The short answer is: No
I found six studies (1, 2, 3, 4, 5, 6) that directly compared hot yoga to normal temperature yoga. The suffer from some of the usual caveats – they are really quite small. But there is one benefit in the design here: we know exactly what the intervention was in each case because Bikram yoga is basically the same no matter where you practice (even what the teachers say), and most hot yoga classes have more or less kept the same structure for their set sequences, ie a hatha-style class with set components (standing, seated, reclining etc).
Here’s a little more detail.
1. Effects on cardiovascular system
There was no difference in arterial stiffness – a marker of increased risk of cardiovascular disease, including hypertension and stroke – between participants who practiced Bikram yoga or yoga at room temperature for 12 weeks.
There was also no difference in endothelial vasodilation – that’s the ability of the cells that line blood vessels (endothelial cells) to expand blood vessels and support strong blood flow – between participants who practiced Bikram yoga or yoga at room temperature for 12 weeks.
So it’s unlikely that hot yoga is better for your heart health than room temperature yoga.
2. Effects on cardiorespiratory fitness
Some inconsistencies here but worth pointing out that all these studies were ridiculously small (14, 16 and 22 participants), so I wouldn’t put much weight on their findings. I probably shouldn’t even mention them but then this blog post would be very very short.

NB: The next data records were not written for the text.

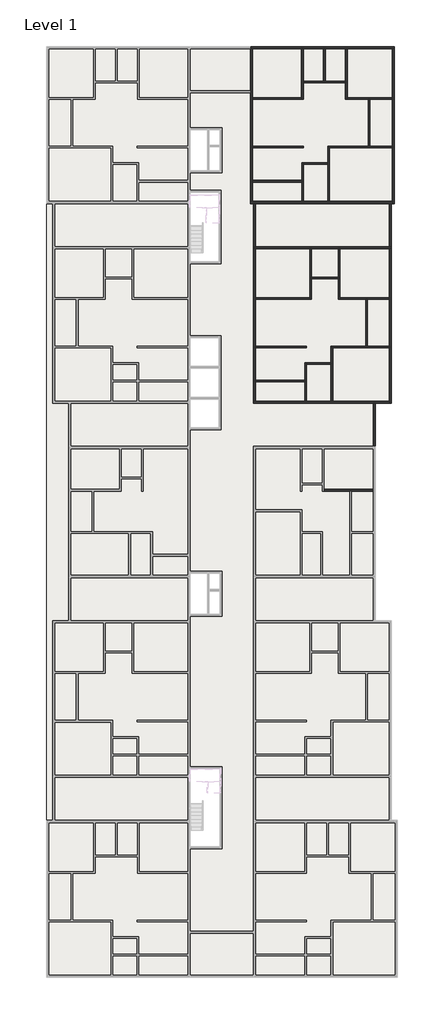
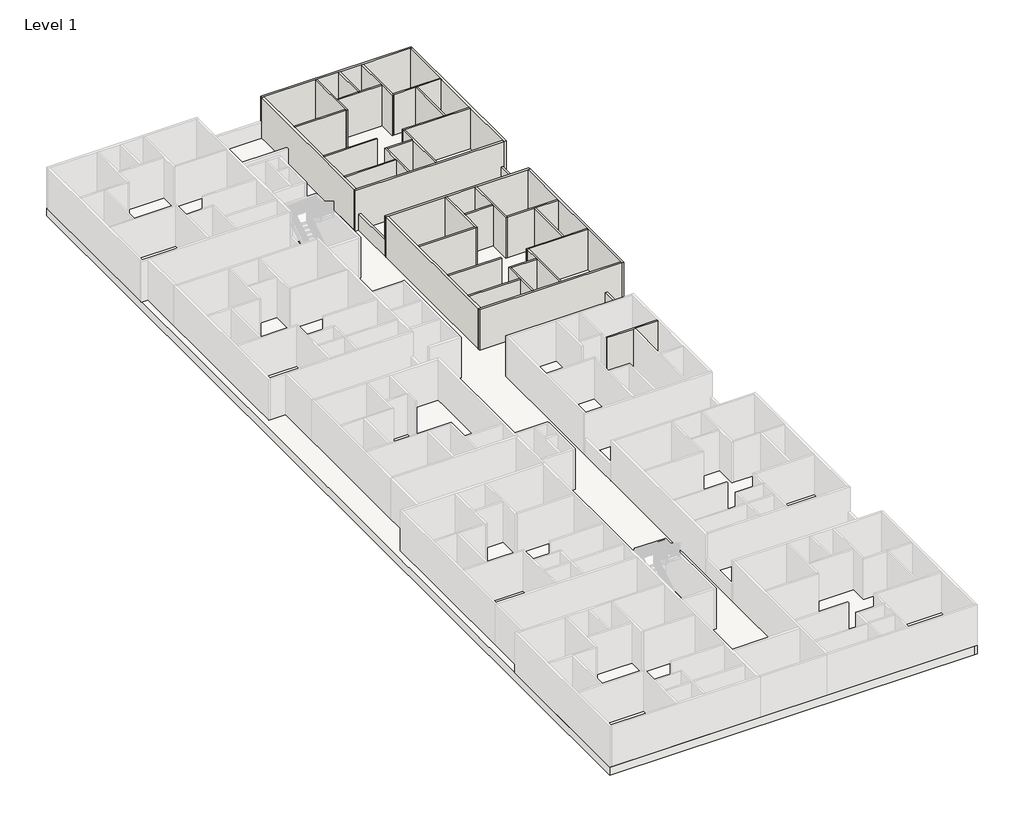
# One storey, part 4 of 8: 37 walls, 1 slab.
"""IFC4 building model written with IfcOpenShell, lengths in millimetres."""

from ifc_helpers import new_model, si_unit, frame, origin, place, context, project, spatial, polyline, outline, extrude, faceted_brep, element, save

model = new_model("IFC4")

# Units and contexts
model_context = context("Model", 3, world=origin())
ifc_project = project(units=[si_unit("LENGTHUNIT", "METRE", prefix="MILLI")], contexts=[model_context])

# Site, building, storey
site = spatial("IfcSite", under=ifc_project)
building = spatial("IfcBuilding", under=site)
storey = spatial("IfcBuildingStorey", under=building, Name="Level 1", Elevation=25234.6172466)

# Slab
placement = place(None, origin())
element("IfcSlab", 1, ObjectType="FLOOR", at=placement, inside=storey, context=model_context, shape_type="SweptSolid", body=[
    extrude(outline(polyline([(-14323.5415084, 35183.5216096), (11584.5443719, 35183.5216096), (11584.5443719, 23499.5216096), (11360.9214687, 23499.5216096), (11360.9214687, 8615.1216096), (10173.4714687, 8615.1216096), (10173.4714687, -7538.7344126), (11360.9214687, -7538.7344126), (11360.9214687, -22423.1344126), (11813.0584916, -22423.1344126), (11813.0584916, -34107.1344126), (11584.5443719, -34107.1344126), (-14323.5415084, -34107.1344126), (-14323.5415084, 35183.5216096)]), holes=[polyline([(-3617.4415084, 29152.4900967), (-3617.4415084, 25799.6900967), (-1255.2415084, 25799.6900967), (-1255.2415084, 29152.4900967), (-3617.4415084, 29152.4900967)]), polyline([(-3617.4415084, 24490.1216096), (-3617.4415084, 19003.7216096), (-1331.4415084, 19003.7216096), (-1331.4415084, 24490.1216096), (-3617.4415084, 24490.1216096)]), polyline([(-3617.4415084, 13669.6303368), (-3617.4415084, 6659.2303368), (-1331.4415084, 6659.2303368), (-1331.4415084, 13669.6303368), (-3617.4415084, 13669.6303368)]), polyline([(-3617.4415084, -3882.2751812), (-3617.4415084, -7235.0751812), (-1255.2415084, -7235.0751812), (-1255.2415084, -3882.2751812), (-3617.4415084, -3882.2751812)]), polyline([(-3617.4415084, -18429.9851539), (-3617.4415084, -24525.9851539), (-1229.8415084, -24525.9851539), (-1229.8415084, -18429.9851539), (-3617.4415084, -18429.9851539)])]), frame((0.0, 0.0, 24625.0172466), z_axis=(0.0, 0.0, 1.0), x_axis=(1.0, 0.0, 0.0)), (0.0, 0.0, 1.0), 609.6),
])

# Walls
element("IfcWall", 2, ObjectType="4.5\"", at=placement, inside=storey, context=model_context, shape_type="Brep", body=[
    faceted_brep([(6363.4714687, 2100.0216096, 25234.6172466), (8282.4584916, 2100.0216096, 25234.6172466), (8396.7584916, 2100.0216096, 25234.6172466), (10021.0714687, 2100.0216096, 25234.6172466), (10021.0714687, 2100.0216096, 28282.6172466), (8396.7584916, 2100.0216096, 28282.6172466), (8282.4584916, 2100.0216096, 28282.6172466), (6363.4714687, 2100.0216096, 28282.6172466), (6363.4714687, 2214.3216096, 25234.6172466), (6363.4714687, 2214.3216096, 28282.6172466), (10021.0714687, 2214.3216096, 28282.6172466), (10021.0714687, 2214.3216096, 25234.6172466)], [[[0, 1, 2, 3, 4, 5, 6, 7]], [[8, 9, 10, 11]], [[3, 2, 1, 0, 8, 11]], [[0, 7, 9, 8]], [[4, 3, 11, 10]], [[7, 6, 5, 4, 10, 9]]]),
])
element("IfcWall", 3, ObjectType="4.5\"", at=placement, inside=storey, context=model_context, shape_type="Brep", body=[
    faceted_brep([(5315.7214687, 20146.7216096, 25234.6172466), (5315.7214687, 16489.1216096, 25234.6172466), (5315.7214687, 16374.8216096, 25234.6172466), (5315.7214687, 16374.8216096, 28282.6172466), (5315.7214687, 16489.1216096, 28282.6172466), (5315.7214687, 20146.7216096, 28282.6172466), (5430.0214687, 20146.7216096, 25234.6172466), (5430.0214687, 20146.7216096, 28282.6172466), (5430.0214687, 18013.1216096, 28282.6172466), (5430.0214687, 17898.8216096, 28282.6172466), (5430.0214687, 16374.8216096, 28282.6172466), (5430.0214687, 16374.8216096, 25234.6172466), (5430.0214687, 17898.8216096, 25234.6172466), (5430.0214687, 18013.1216096, 25234.6172466)], [[[0, 1, 2, 3, 4, 5]], [[6, 7, 8, 9, 10, 11, 12, 13]], [[2, 1, 0, 6, 13, 12, 11]], [[0, 5, 7, 6]], [[3, 2, 11, 10]], [[5, 4, 3, 10, 9, 8, 7]]]),
])
element("IfcWall", 4, ObjectType="4.5\"", at=placement, inside=storey, context=model_context, shape_type="SweptSolid", body=[
    extrude(outline(polyline([(1259.3584916, 16489.1216096), (5315.7214687, 16489.1216096), (5315.7214687, 16374.8216096), (1259.3584916, 16374.8216096), (1259.3584916, 16489.1216096)])), frame((0.0, 0.0, 25234.6172466), z_axis=(0.0, 0.0, 1.0), x_axis=(1.0, 0.0, 0.0)), (0.0, 0.0, 1.0), 3048.0),
])
element("IfcWall", 5, ObjectType="4.5\"", at=placement, inside=storey, context=model_context, shape_type="SweptSolid", body=[
    extrude(outline(polyline([(7436.6214687, 17898.8216096), (5430.0214687, 17898.8216096), (5430.0214687, 18013.1216096), (7436.6214687, 18013.1216096), (7436.6214687, 17898.8216096)])), frame((0.0, 0.0, 25234.6172466), z_axis=(0.0, 0.0, 1.0), x_axis=(1.0, 0.0, 0.0)), (0.0, 0.0, 1.0), 3048.0),
])
element("IfcWall", 6, ObjectType="4.5\"", at=placement, inside=storey, context=model_context, shape_type="Brep", body=[
    faceted_brep([(7436.6214687, 20146.7216096, 25234.6172466), (7436.6214687, 18013.1216096, 25234.6172466), (7436.6214687, 17898.8216096, 25234.6172466), (7436.6214687, 16374.8216096, 25234.6172466), (7436.6214687, 16374.8216096, 28282.6172466), (7436.6214687, 17898.8216096, 28282.6172466), (7436.6214687, 18013.1216096, 28282.6172466), (7436.6214687, 20146.7216096, 28282.6172466), (7550.9214687, 20146.7216096, 25234.6172466), (7550.9214687, 20146.7216096, 28282.6172466), (7550.9214687, 16489.1216096, 28282.6172466), (7550.9214687, 16374.8216096, 28282.6172466), (7550.9214687, 16374.8216096, 25234.6172466), (7550.9214687, 16489.1216096, 25234.6172466)], [[[0, 1, 2, 3, 4, 5, 6, 7]], [[8, 9, 10, 11, 12, 13]], [[3, 2, 1, 0, 8, 13, 12]], [[0, 7, 9, 8]], [[4, 3, 12, 11]], [[7, 6, 5, 4, 11, 10, 9]]]),
])
element("IfcWall", 7, ObjectType="4.5\"", at=placement, inside=storey, context=model_context, shape_type="Brep", body=[
    faceted_brep([(7550.9214687, 16374.8216096, 25234.6172466), (9469.9084916, 16374.8216096, 25234.6172466), (9584.2084916, 16374.8216096, 25234.6172466), (11208.5214687, 16374.8216096, 25234.6172466), (11208.5214687, 16374.8216096, 28282.6172466), (9584.2084916, 16374.8216096, 28282.6172466), (9469.9084916, 16374.8216096, 28282.6172466), (7550.9214687, 16374.8216096, 28282.6172466), (7550.9214687, 16489.1216096, 25234.6172466), (7550.9214687, 16489.1216096, 28282.6172466), (11208.5214687, 16489.1216096, 28282.6172466), (11208.5214687, 16489.1216096, 25234.6172466)], [[[0, 1, 2, 3, 4, 5, 6, 7]], [[8, 9, 10, 11]], [[3, 2, 1, 0, 8, 11]], [[0, 7, 9, 8]], [[4, 3, 11, 10]], [[7, 6, 5, 4, 10, 9]]]),
])
element("IfcWall", 8, ObjectType="4.5\"", at=placement, inside=storey, context=model_context, shape_type="SweptSolid", body=[
    extrude(outline(polyline([(9469.9084916, 12869.6216096), (9469.9084916, 16374.8216096), (9584.2084916, 16374.8216096), (9584.2084916, 12869.6216096), (9469.9084916, 12869.6216096)])), frame((0.0, 0.0, 25234.6172466), z_axis=(0.0, 0.0, 1.0), x_axis=(1.0, 0.0, 0.0)), (0.0, 0.0, 1.0), 3048.0),
])
element("IfcWall", 9, ObjectType="4.5\"", at=placement, inside=storey, context=model_context, shape_type="Brep", body=[
    faceted_brep([(11208.5214687, 12869.6216096, 25234.6172466), (9584.2084916, 12869.6216096, 25234.6172466), (9469.9084916, 12869.6216096, 25234.6172466), (6885.4584916, 12869.6216096, 25234.6172466), (6885.4584916, 12869.6216096, 28282.6172466), (9469.9084916, 12869.6216096, 28282.6172466), (9584.2084916, 12869.6216096, 28282.6172466), (11208.5214687, 12869.6216096, 28282.6172466), (11208.5214687, 12755.3216096, 25234.6172466), (11208.5214687, 12755.3216096, 28282.6172466), (6999.7584916, 12755.3216096, 28282.6172466), (6885.4584916, 12755.3216096, 28282.6172466), (6885.4584916, 12755.3216096, 25234.6172466), (6999.7584916, 12755.3216096, 25234.6172466)], [[[0, 1, 2, 3, 4, 5, 6, 7]], [[8, 9, 10, 11, 12, 13]], [[3, 2, 1, 0, 8, 13, 12]], [[0, 7, 9, 8]], [[4, 3, 12, 11]], [[7, 6, 5, 4, 11, 10, 9]]]),
])
element("IfcWall", 10, ObjectType="4.5\"", at=placement, inside=storey, context=model_context, shape_type="Brep", body=[
    faceted_brep([(6885.4584916, 12755.3216096, 25234.6172466), (6885.4584916, 11663.1216096, 25234.6172466), (6885.4584916, 11548.8216096, 25234.6172466), (6885.4584916, 8767.5216096, 25234.6172466), (6885.4584916, 8767.5216096, 28282.6172466), (6885.4584916, 11548.8216096, 28282.6172466), (6885.4584916, 11663.1216096, 28282.6172466), (6885.4584916, 12755.3216096, 28282.6172466), (6999.7584916, 12755.3216096, 25234.6172466), (6999.7584916, 12755.3216096, 28282.6172466), (6999.7584916, 8767.5216096, 28282.6172466), (6999.7584916, 8767.5216096, 25234.6172466)], [[[0, 1, 2, 3, 4, 5, 6, 7]], [[8, 9, 10, 11]], [[3, 2, 1, 0, 8, 11]], [[0, 7, 9, 8]], [[4, 3, 11, 10]], [[7, 6, 5, 4, 10, 9]]]),
])
element("IfcWall", 11, ObjectType="4.5\"", at=placement, inside=storey, context=model_context, shape_type="Brep", body=[
    faceted_brep([(5056.6584916, 8767.5216096, 25234.6172466), (5056.6584916, 11548.8216096, 25234.6172466), (5056.6584916, 11663.1216096, 25234.6172466), (5056.6584916, 11663.1216096, 28282.6172466), (5056.6584916, 11548.8216096, 28282.6172466), (5056.6584916, 8767.5216096, 28282.6172466), (4942.3584916, 8767.5216096, 25234.6172466), (4942.3584916, 8767.5216096, 28282.6172466), (4942.3584916, 10215.3216096, 28282.6172466), (4942.3584916, 10329.6216096, 28282.6172466), (4942.3584916, 11663.1216096, 28282.6172466), (4942.3584916, 11663.1216096, 25234.6172466), (4942.3584916, 10329.6216096, 25234.6172466), (4942.3584916, 10215.3216096, 25234.6172466)], [[[0, 1, 2, 3, 4, 5]], [[6, 7, 8, 9, 10, 11, 12, 13]], [[2, 1, 0, 6, 13, 12, 11]], [[0, 5, 7, 6]], [[3, 2, 11, 10]], [[5, 4, 3, 10, 9, 8, 7]]]),
])
element("IfcWall", 12, ObjectType="4.5\"", at=placement, inside=storey, context=model_context, shape_type="SweptSolid", body=[
    extrude(outline(polyline([(6885.4584916, 11548.8216096), (5056.6584916, 11548.8216096), (5056.6584916, 11663.1216096), (6885.4584916, 11663.1216096), (6885.4584916, 11548.8216096)])), frame((0.0, 0.0, 25234.6172466), z_axis=(0.0, 0.0, 1.0), x_axis=(1.0, 0.0, 0.0)), (0.0, 0.0, 1.0), 3048.0),
])
element("IfcWall", 13, ObjectType="4.5\"", at=placement, inside=storey, context=model_context, shape_type="SweptSolid", body=[
    extrude(outline(polyline([(4942.3584916, 10215.3216096), (1259.3584916, 10215.3216096), (1259.3584916, 10329.6216096), (4942.3584916, 10329.6216096), (4942.3584916, 10215.3216096)])), frame((0.0, 0.0, 25234.6172466), z_axis=(0.0, 0.0, 1.0), x_axis=(1.0, 0.0, 0.0)), (0.0, 0.0, 1.0), 3048.0),
])
element("IfcWall", 14, ObjectType="4.5\"", at=placement, inside=storey, context=model_context, shape_type="SweptSolid", body=[
    extrude(outline(polyline([(5056.6584916, 12755.3216096), (1259.3584916, 12755.3216096), (1259.3584916, 12869.6216096), (5056.6584916, 12869.6216096), (5056.6584916, 12755.3216096)])), frame((0.0, 0.0, 25234.6172466), z_axis=(0.0, 0.0, 1.0), x_axis=(1.0, 0.0, 0.0)), (0.0, 0.0, 1.0), 3048.0),
])
element("IfcWall", 15, ObjectType="4.5\"", at=placement, inside=storey, context=model_context, shape_type="Brep", body=[
    faceted_brep([(4688.4443719, 35031.1216096, 25234.6172466), (4688.4443719, 31373.5216096, 25234.6172466), (4688.4443719, 31259.2216096, 25234.6172466), (4688.4443719, 31259.2216096, 28282.6172466), (4688.4443719, 31373.5216096, 28282.6172466), (4688.4443719, 35031.1216096, 28282.6172466), (4802.7443719, 35031.1216096, 25234.6172466), (4802.7443719, 35031.1216096, 28282.6172466), (4802.7443719, 32592.7216096, 28282.6172466), (4802.7443719, 32478.4216096, 28282.6172466), (4802.7443719, 31259.2216096, 28282.6172466), (4802.7443719, 31259.2216096, 25234.6172466), (4802.7443719, 32478.4216096, 25234.6172466), (4802.7443719, 32592.7216096, 25234.6172466)], [[[0, 1, 2, 3, 4, 5]], [[6, 7, 8, 9, 10, 11, 12, 13]], [[2, 1, 0, 6, 13, 12, 11]], [[0, 5, 7, 6]], [[3, 2, 11, 10]], [[5, 4, 3, 10, 9, 8, 7]]]),
])
element("IfcWall", 16, ObjectType="4.5\"", at=placement, inside=storey, context=model_context, shape_type="SweptSolid", body=[
    extrude(outline(polyline([(1030.8443719, 31373.5216096), (4688.4443719, 31373.5216096), (4688.4443719, 31259.2216096), (1030.8443719, 31259.2216096), (1030.8443719, 31373.5216096)])), frame((0.0, 0.0, 25234.6172466), z_axis=(0.0, 0.0, 1.0), x_axis=(1.0, 0.0, 0.0)), (0.0, 0.0, 1.0), 3048.0),
])
element("IfcWall", 17, ObjectType="4.5\"", at=placement, inside=storey, context=model_context, shape_type="Brep", body=[
    faceted_brep([(4802.7443719, 32478.4216096, 25234.6172466), (7965.0443719, 32478.4216096, 25234.6172466), (7965.0443719, 32478.4216096, 28282.6172466), (4802.7443719, 32478.4216096, 28282.6172466), (4802.7443719, 32592.7216096, 25234.6172466), (4802.7443719, 32592.7216096, 28282.6172466), (6326.7443719, 32592.7216096, 28282.6172466), (6441.0443719, 32592.7216096, 28282.6172466), (7965.0443719, 32592.7216096, 28282.6172466), (7965.0443719, 32592.7216096, 25234.6172466), (6441.0443719, 32592.7216096, 25234.6172466), (6326.7443719, 32592.7216096, 25234.6172466)], [[[0, 1, 2, 3]], [[4, 5, 6, 7, 8, 9, 10, 11]], [[1, 0, 4, 11, 10, 9]], [[0, 3, 5, 4]], [[2, 1, 9, 8]], [[3, 2, 8, 7, 6, 5]]]),
])
element("IfcWall", 18, ObjectType="4.5\"", at=placement, inside=storey, context=model_context, shape_type="SweptSolid", body=[
    extrude(outline(polyline([(6326.7443719, 32592.7216096), (6326.7443719, 35031.1216096), (6441.0443719, 35031.1216096), (6441.0443719, 32592.7216096), (6326.7443719, 32592.7216096)])), frame((0.0, 0.0, 25234.6172466), z_axis=(0.0, 0.0, 1.0), x_axis=(1.0, 0.0, 0.0)), (0.0, 0.0, 1.0), 3048.0),
])
element("IfcWall", 19, ObjectType="4.5\"", at=placement, inside=storey, context=model_context, shape_type="Brep", body=[
    faceted_brep([(7965.0443719, 35031.1216096, 25234.6172466), (7965.0443719, 32592.7216096, 25234.6172466), (7965.0443719, 32478.4216096, 25234.6172466), (7965.0443719, 31259.2216096, 25234.6172466), (7965.0443719, 31259.2216096, 28282.6172466), (7965.0443719, 32478.4216096, 28282.6172466), (7965.0443719, 32592.7216096, 28282.6172466), (7965.0443719, 35031.1216096, 28282.6172466), (8079.3443719, 35031.1216096, 25234.6172466), (8079.3443719, 35031.1216096, 28282.6172466), (8079.3443719, 31373.5216096, 28282.6172466), (8079.3443719, 31259.2216096, 28282.6172466), (8079.3443719, 31259.2216096, 25234.6172466), (8079.3443719, 31373.5216096, 25234.6172466)], [[[0, 1, 2, 3, 4, 5, 6, 7]], [[8, 9, 10, 11, 12, 13]], [[3, 2, 1, 0, 8, 13, 12]], [[0, 7, 9, 8]], [[4, 3, 12, 11]], [[7, 6, 5, 4, 11, 10, 9]]]),
])
element("IfcWall", 20, ObjectType="4.5\"", at=placement, inside=storey, context=model_context, shape_type="Brep", body=[
    faceted_brep([(8079.3443719, 31259.2216096, 25234.6172466), (9641.4443719, 31259.2216096, 25234.6172466), (9755.7443719, 31259.2216096, 25234.6172466), (11432.1443719, 31259.2216096, 25234.6172466), (11432.1443719, 31259.2216096, 28282.6172466), (9755.7443719, 31259.2216096, 28282.6172466), (9641.4443719, 31259.2216096, 28282.6172466), (8079.3443719, 31259.2216096, 28282.6172466), (8079.3443719, 31373.5216096, 25234.6172466), (8079.3443719, 31373.5216096, 28282.6172466), (11432.1443719, 31373.5216096, 28282.6172466), (11432.1443719, 31373.5216096, 25234.6172466)], [[[0, 1, 2, 3, 4, 5, 6, 7]], [[8, 9, 10, 11]], [[3, 2, 1, 0, 8, 11]], [[0, 7, 9, 8]], [[4, 3, 11, 10]], [[7, 6, 5, 4, 10, 9]]]),
])
element("IfcWall", 21, ObjectType="4.5\"", at=placement, inside=storey, context=model_context, shape_type="SweptSolid", body=[
    extrude(outline(polyline([(9641.4443719, 27754.0216096), (9641.4443719, 31259.2216096), (9755.7443719, 31259.2216096), (9755.7443719, 27754.0216096), (9641.4443719, 27754.0216096)])), frame((0.0, 0.0, 25234.6172466), z_axis=(0.0, 0.0, 1.0), x_axis=(1.0, 0.0, 0.0)), (0.0, 0.0, 1.0), 3048.0),
])
element("IfcWall", 22, ObjectType="4.5\"", at=placement, inside=storey, context=model_context, shape_type="Brep", body=[
    faceted_brep([(11432.1443719, 27754.0216096, 25234.6172466), (9755.7443719, 27754.0216096, 25234.6172466), (9641.4443719, 27754.0216096, 25234.6172466), (6656.9443719, 27754.0216096, 25234.6172466), (6656.9443719, 27754.0216096, 28282.6172466), (9641.4443719, 27754.0216096, 28282.6172466), (9755.7443719, 27754.0216096, 28282.6172466), (11432.1443719, 27754.0216096, 28282.6172466), (11432.1443719, 27639.7216096, 25234.6172466), (11432.1443719, 27639.7216096, 28282.6172466), (6771.2443719, 27639.7216096, 28282.6172466), (6656.9443719, 27639.7216096, 28282.6172466), (6656.9443719, 27639.7216096, 25234.6172466), (6771.2443719, 27639.7216096, 25234.6172466)], [[[0, 1, 2, 3, 4, 5, 6, 7]], [[8, 9, 10, 11, 12, 13]], [[3, 2, 1, 0, 8, 13, 12]], [[0, 7, 9, 8]], [[4, 3, 12, 11]], [[7, 6, 5, 4, 11, 10, 9]]]),
])
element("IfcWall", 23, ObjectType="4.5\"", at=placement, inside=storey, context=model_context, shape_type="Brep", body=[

Three studies looked at oxygen consumption; two found no difference in the amount of oxygen used during the class between participants who practiced Bikram/hot yoga and room temperature yoga (1 hour session or 20 minute session). This indicates that the two types of yoga are of equal intensity. The third study found an increase in maximal oxygen consumption following the Bikram yoga session, which they didn’t observe with the room temperature yoga – this wasn’t a single measurement after one class as these participants had already practiced 12 times as part of this study. There may be some truth to this as there is the added stress from heat, but with such small samples and inconsistent findings, I’m just not sold .
There were also inconsistencies on heart rate differences, with just one of the studies finding an increase in heart rate.
All in all, it’s unlikely that the claims that hot yoga is better for your cardiovascular fitness are true. Go for a run instead. Us yogis can be very unfit.
Effects on kidneys
There are, apparently, some concerns over the effects of exercising in a hot environment on the kidneys, but this study found no differences in kidney function between hot and non-hot yoga after 1 year of practice. Good to know.
Effects on mental wellbeing
Both hot yoga and room temperature yoga led to improvements in perceived stress. No surprises.
I’m going to park the claims of crazy weight loss and detoxification to one side because, well, no evidence. The health benefits of Bikram yoga seems to be more or less the same as the health benefits of other yoga styles.
Putting the usual caveats of not-so-great-study-designs to one side, it seems to me that there isn’t much in it between hot and non-hot yoga. Instead, it’s more about offering options. Like everything in life, one size doesn’t fit all, and personalisation/tailoring is the key to success.
Some people love hot yoga – the way the teacher I was chatting with described it, it was hot yoga that made her fall in love with yoga. Other people hate it, but they have tons of options of room temperature yoga they can try out. There’s something out there for everything.
As for me, well, I don’t know. I’m still in the exploring phase. For the third time.
Love it or hate it? What do you think of hot yoga?